Молодого Каупервуда не допустили бы на биржу ни как маклера, ни как маклерского агента или помощника, если бы Тай, нуждавшийся в нем и уверенный, что такой человек будет ему полезен, не купил для него место. Две тысячи долларов, которые оно стоило, он записал как долг Фрэнка, после чего во всеуслышанье объявил его своим компаньоном. Такое фиктивное товарищество противоречило правилам биржи, но маклеры нередко прибегали к нему. Младших компаньонов и подручных насмешливо называли «восьмушечниками» и «двухдолларовыми маклерами», потому что они гнались за любым мелким заработком и готовы были покупать и продавать по чьему угодно поручению, отчитываясь, конечно, перед своей фирмой в произведенных операциях. Несмотря на свои выдающиеся способности, Фрэнк на первых порах тоже считался «восьмушечником» и был отдан под начало мистеру Артуру Райверсу, полномочному представителю компании «Тай» на бирже.
Райверс был необыкновенно энергичный человек, лет тридцати пяти, элегантный, хорошо сложенный, с чисто выбритым, жестким и словно точеным лицом, которое украшали коротко подстриженные черные усики и тонкие черные брови.
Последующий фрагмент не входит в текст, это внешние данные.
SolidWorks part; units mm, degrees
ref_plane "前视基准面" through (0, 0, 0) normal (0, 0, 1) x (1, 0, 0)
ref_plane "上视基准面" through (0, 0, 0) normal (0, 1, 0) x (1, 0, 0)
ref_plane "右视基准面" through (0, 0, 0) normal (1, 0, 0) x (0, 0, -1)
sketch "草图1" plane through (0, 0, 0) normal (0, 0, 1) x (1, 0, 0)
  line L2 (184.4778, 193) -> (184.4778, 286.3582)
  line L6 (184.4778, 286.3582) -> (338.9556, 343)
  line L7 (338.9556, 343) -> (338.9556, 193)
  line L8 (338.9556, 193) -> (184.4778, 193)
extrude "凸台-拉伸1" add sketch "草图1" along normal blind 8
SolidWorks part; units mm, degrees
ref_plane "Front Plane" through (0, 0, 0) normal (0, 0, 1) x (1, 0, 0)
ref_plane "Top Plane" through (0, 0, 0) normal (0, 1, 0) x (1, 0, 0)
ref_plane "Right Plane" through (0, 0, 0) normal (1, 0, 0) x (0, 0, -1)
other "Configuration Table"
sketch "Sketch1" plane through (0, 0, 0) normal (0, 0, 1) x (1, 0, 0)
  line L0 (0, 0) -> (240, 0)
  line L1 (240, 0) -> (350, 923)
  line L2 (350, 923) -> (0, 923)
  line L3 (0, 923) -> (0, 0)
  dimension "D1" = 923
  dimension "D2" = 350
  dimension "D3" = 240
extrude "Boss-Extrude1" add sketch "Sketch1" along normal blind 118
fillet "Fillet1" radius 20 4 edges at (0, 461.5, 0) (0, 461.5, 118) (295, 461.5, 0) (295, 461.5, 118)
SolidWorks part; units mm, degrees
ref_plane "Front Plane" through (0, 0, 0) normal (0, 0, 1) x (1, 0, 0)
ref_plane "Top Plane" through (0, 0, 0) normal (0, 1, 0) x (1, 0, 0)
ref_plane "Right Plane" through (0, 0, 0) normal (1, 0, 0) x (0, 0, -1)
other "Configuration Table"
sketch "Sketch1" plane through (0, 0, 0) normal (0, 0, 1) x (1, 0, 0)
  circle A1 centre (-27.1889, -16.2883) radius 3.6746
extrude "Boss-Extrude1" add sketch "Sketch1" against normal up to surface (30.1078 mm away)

Волосы его посередине разделялись аккуратным пробором. Подбородок чуть заметно раздваивался. Голос у Райверса был мягкий, манеры спокойные и сдержанные; он всегда и везде был одинаково корректен. Вначале Каупервуд недоумевал, зачем Райверсу, такому опытному дельцу, служить у мистера Тая, но впоследствии узнал, что Райверс — участник в деле. Тай был организатор, он принимал клиентов в конторе, а Райверс представлял фирму на бирже и ведал внешними сношениями.
Вскоре Фрэнк убедился, что не стоит даже пытаться понять, почему акции то поднимаются, то падают. Это, конечно, определялось какими-то общими причинами, как объяснил ему Тай, но учесть их было почти невозможно.
— Любая причина может вызвать на бирже и «бум», и панику, — говорил Тай со своим своеобразным акцентом, — будь то крах банка или только слух, что бабушка вашего двоюродного брата схватила насморк. Биржа совсем особый мир, Каупервуд. Никто на свете не сумеет вам его объяснить. Я видел, как вылетали в трубу акционерные общества, хотя даже самый опытный биржевик не мог бы сказать, по какой причине. Я видел также, как акции необъяснимо взлетали до небес. Ох, эти биржевые слухи! Сам дьявол не придумает ничего подобного. Обычно, если акции падают, значит, кто-то выбрасывает их на биржу или же на рынке общая депрессия.